The master-critic Kenneth Burke was a great observer of our communication routines, and never more so than when he described this “scapegoat principle.”  For most of us working to understand why we say the things we do, this familiar rhetorical form offers the psychological benefits of transferring guilt to others.

Burke noted that groups or individuals face two options when a decision or action didn’t turn out as well as they wished.  If we screwed up, we could accept responsibility and note with regret that our efforts failed to work out. He called this the “mortification” option, as in “I thought I could fix the bad feeling between Bill and Fred, but I think I just made it worse.  I’m not very good at playing the role of mediator.”  But doing this, of course, carries no obvious rewards, and requires a certain degree of grace and humility.
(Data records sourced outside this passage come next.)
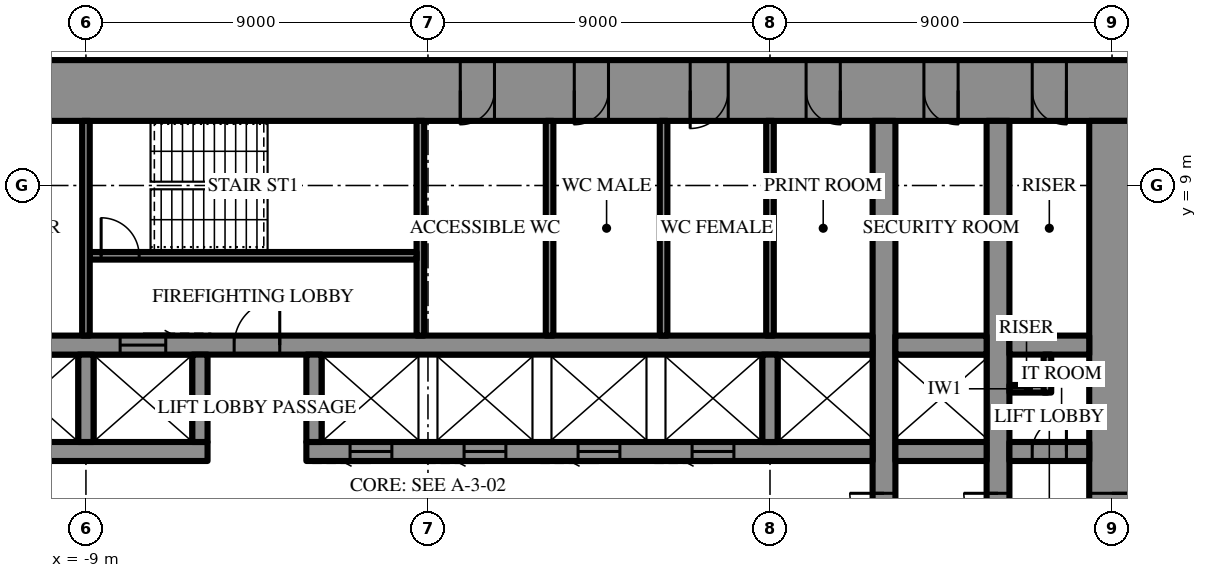
"""IFC4 building model, lengths in metres.
Left out: names, types, materials, properties, quantities, classifications, styles, units other than length and angle.
Written with IfcOpenShell. Run it as: python <this file> out.ifc"""

import sys

from ifc_helpers import new_model, si_unit, direction, frame, frame_2d, origin, place, context, subcontext, project, spatial, rectangle, extrude, element, fill, save


model = new_model("IFC4")
c1 = context("Model", 3, precision=1e-05, world=origin(), true_north=direction((0.0, 1.0)))
c2 = subcontext(c1, "Body", "Model", "MODEL_VIEW")
j1 = project(units=[si_unit("LENGTHUNIT", "METRE"), si_unit("PLANEANGLEUNIT", "RADIAN")], contexts=[c1])
p1 = place(None, origin())
s1 = spatial("IfcSite", under=j1, at=p1, CompositionType="ELEMENT")
p2 = place(p1, origin())
s2 = spatial("IfcBuilding", under=s1, at=p2, CompositionType="ELEMENT")
p3 = place(p2, frame((0.0, 0.0, 127.9)))
s3 = spatial("IfcBuildingStorey", under=s2, at=p3, CompositionType="ELEMENT", Elevation=127.9)
p4 = place(p3, frame((-18.6, 11.5, 0.0), z_axis=(0.0, 0.0, 1.0), x_axis=(1.0, 0.0, 0.0)))
e1 = element("IfcWall", 1, at=p4, inside=s3, PredefinedType="SHEAR", context=c2, shape_type="SweptSolid", body=[
    extrude(rectangle(XDim=37.2, YDim=1.6, at=frame_2d((18.6, 0.0))), origin(), (0.0, 0.0, 1.0), 4.2),
])
p5 = place(p4, frame((19.45, 0.0, 0.0)))
e2 = element("IfcOpeningElement", 2, at=p5, cuts=e1, PredefinedType="OPENING", context=c2, shape_type="SweptSolid", body=[
    extrude(rectangle(XDim=0.9, YDim=2.2, at=frame_2d((0.45, 1.1))), frame((0.0, 0.81, 0.0), z_axis=(0.0, -1.0, 0.0), x_axis=(1.0, 0.0, 0.0)), (0.0, 0.0, 1.0), 1.62),
])
p6 = place(p4, frame((22.45, 0.0, 0.0)))
e3 = element("IfcOpeningElement", 3, at=p6, cuts=e1, PredefinedType="OPENING", context=c2, shape_type="SweptSolid", body=[
    extrude(rectangle(XDim=0.9, YDim=2.2, at=frame_2d((0.45, 1.1))), frame((0.0, 0.81, 0.0), z_axis=(0.0, -1.0, 0.0), x_axis=(1.0, 0.0, 0.0)), (0.0, 0.0, 1.0), 1.62),
])
p7 = place(p4, frame((25.5, 0.0, 0.0)))
e4 = element("IfcOpeningElement", 4, at=p7, cuts=e1, PredefinedType="OPENING", context=c2, shape_type="SweptSolid", body=[
    extrude(rectangle(XDim=1.0, YDim=2.2, at=frame_2d((0.5, 1.1))), frame((0.0, 0.81, 0.0), z_axis=(0.0, -1.0, 0.0), x_axis=(1.0, 0.0, 0.0)), (0.0, 0.0, 1.0), 1.62),
])
p8 = place(p4, frame((1.8, 0.0, 0.0)))
e5 = element("IfcOpeningElement", 5, at=p8, cuts=e1, PredefinedType="OPENING", context=c2, shape_type="SweptSolid", body=[
    extrude(rectangle(XDim=0.9, YDim=2.2, at=frame_2d((0.45, 1.1))), frame((0.0, 0.81, 0.0), z_axis=(0.0, -1.0, 0.0), x_axis=(1.0, 0.0, 0.0)), (0.0, 0.0, 1.0), 1.62),
])
p9 = place(p4, frame((4.65, 0.0, 0.0)))
e6 = element("IfcOpeningElement", 6, at=p9, cuts=e1, PredefinedType="OPENING", context=c2, shape_type="SweptSolid", body=[
    extrude(rectangle(XDim=0.9, YDim=2.2, at=frame_2d((0.45, 1.1))), frame((0.0, 0.81, 0.0), z_axis=(0.0, -1.0, 0.0), x_axis=(1.0, 0.0, 0.0)), (0.0, 0.0, 1.0), 1.62),
])
p10 = place(p4, frame((7.75, 0.0, 0.0)))
e7 = element("IfcOpeningElement", 7, at=p10, cuts=e1, PredefinedType="OPENING", context=c2, shape_type="SweptSolid", body=[
    extrude(rectangle(XDim=0.9, YDim=2.2, at=frame_2d((0.45, 1.1))), frame((0.0, 0.81, 0.0), z_axis=(0.0, -1.0, 0.0), x_axis=(1.0, 0.0, 0.0)), (0.0, 0.0, 1.0), 1.62),
])
p11 = place(p4, frame((28.55, 0.0, 0.0)))
e8 = element("IfcOpeningElement", 8, at=p11, cuts=e1, PredefinedType="OPENING", context=c2, shape_type="SweptSolid", body=[
    extrude(rectangle(XDim=0.9, YDim=2.2, at=frame_2d((0.45, 1.1))), frame((0.0, 0.81, 0.0), z_axis=(0.0, -1.0, 0.0), x_axis=(1.0, 0.0, 0.0)), (0.0, 0.0, 1.0), 1.62),
])
p12 = place(p4, frame((31.65, 0.0, 0.0)))
e9 = element("IfcOpeningElement", 9, at=p12, cuts=e1, PredefinedType="OPENING", context=c2, shape_type="SweptSolid", body=[
    extrude(rectangle(XDim=0.9, YDim=2.2, at=frame_2d((0.45, 1.1))), frame((0.0, 0.81, 0.0), z_axis=(0.0, -1.0, 0.0), x_axis=(1.0, 0.0, 0.0)), (0.0, 0.0, 1.0), 1.62),
])
p13 = place(p4, frame((34.5, 0.0, 0.0)))
e10 = element("IfcOpeningElement", 10, at=p13, cuts=e1, PredefinedType="OPENING", context=c2, shape_type="SweptSolid", body=[
    extrude(rectangle(XDim=0.9, YDim=2.2, at=frame_2d((0.45, 1.1))), frame((0.0, 0.81, 0.0), z_axis=(0.0, -1.0, 0.0), x_axis=(1.0, 0.0, 0.0)), (0.0, 0.0, 1.0), 1.62),
])
p14 = place(p3, frame((18.0, -10.7, 0.0), z_axis=(0.0, 0.0, 1.0), x_axis=(0.0, 1.0, 0.0)))
e11 = element("IfcWall", 11, at=p14, inside=s3, PredefinedType="SHEAR", context=c2, shape_type="SweptSolid", body=[
    extrude(rectangle(XDim=21.4, YDim=1.2, at=frame_2d((10.7, 0.0))), origin(), (0.0, 0.0, 1.0), 4.2),
])
p15 = place(p14, frame((9.8, 0.0, 0.0)))
e12 = element("IfcOpeningElement", 12, at=p15, cuts=e11, PredefinedType="OPENING", context=c2, shape_type="SweptSolid", body=[
    extrude(rectangle(XDim=1.8, YDim=2.4, at=frame_2d((0.9, 1.2))), frame((0.0, 0.61, 0.0), z_axis=(0.0, -1.0, 0.0), x_axis=(1.0, 0.0, 0.0)), (0.0, 0.0, 1.0), 1.22),
])
p16 = place(p3, frame((12.0, -10.7, 0.0), z_axis=(0.0, 0.0, 1.0), x_axis=(0.0, 1.0, 0.0)))
e13 = element("IfcWall", 13, at=p16, inside=s3, PredefinedType="SHEAR", context=c2, shape_type="SweptSolid", body=[
    extrude(rectangle(XDim=21.4, YDim=0.6, at=frame_2d((10.7, 0.0))), origin(), (0.0, 0.0, 1.0), 4.2),
])
p17 = place(p16, frame((9.8, 0.0, 0.0)))
e14 = element("IfcOpeningElement", 14, at=p17, cuts=e13, PredefinedType="OPENING", context=c2, shape_type="SweptSolid", body=[
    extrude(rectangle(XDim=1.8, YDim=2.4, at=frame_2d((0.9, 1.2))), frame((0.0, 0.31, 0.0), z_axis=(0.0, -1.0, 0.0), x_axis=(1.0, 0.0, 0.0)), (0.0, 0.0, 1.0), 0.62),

So we usually opt for the second choice: we scapegoat the problem to others. It’s easier to blame Bill or Fred because doing so is an act of personal redemption.  In this form our words are all too familiar: “Things are not going very well in my life right now and it’s her fault.”  Like a fast-acting pill, the shifting of unwanted effects to others lifts us from the burdens of self-examination. In Burke’s language, we have “cast out” the problem. Perhaps this is why we have parents, pets, uncles, Republicans, socialists, and college professors. We can feel better when we believe that others are worse.

Many groups have used sacrifices to purge the group of its problems. The most traditional victim was a four-legged animal that would be sacrificed to cleanse away problems usually caused by other humans. In the 21st Century we are less likely to round up a hapless critter for this ritual “casting out” of guilt. Instead, we usually pick a plausible member of our own species and simply lay on verbal condemnation. Think of Puritan purges of “witches,” Hollywood purges of communists, or internet trolls and their venom. For weak minds, anonymous comments online represent a perpetual Lourdes of guilt transference.

It would be nice if we could chalk up this human habit as but a small foible in the species. But the consequences of blaming others can’t be so easily dismissed. It’s worth remembering that Hitler’s murderous purge of supposed “non-Aryans” from German society—first with words and later with death camps–was fresh in Burke’s mind when he fleshed out the scapegoating principle.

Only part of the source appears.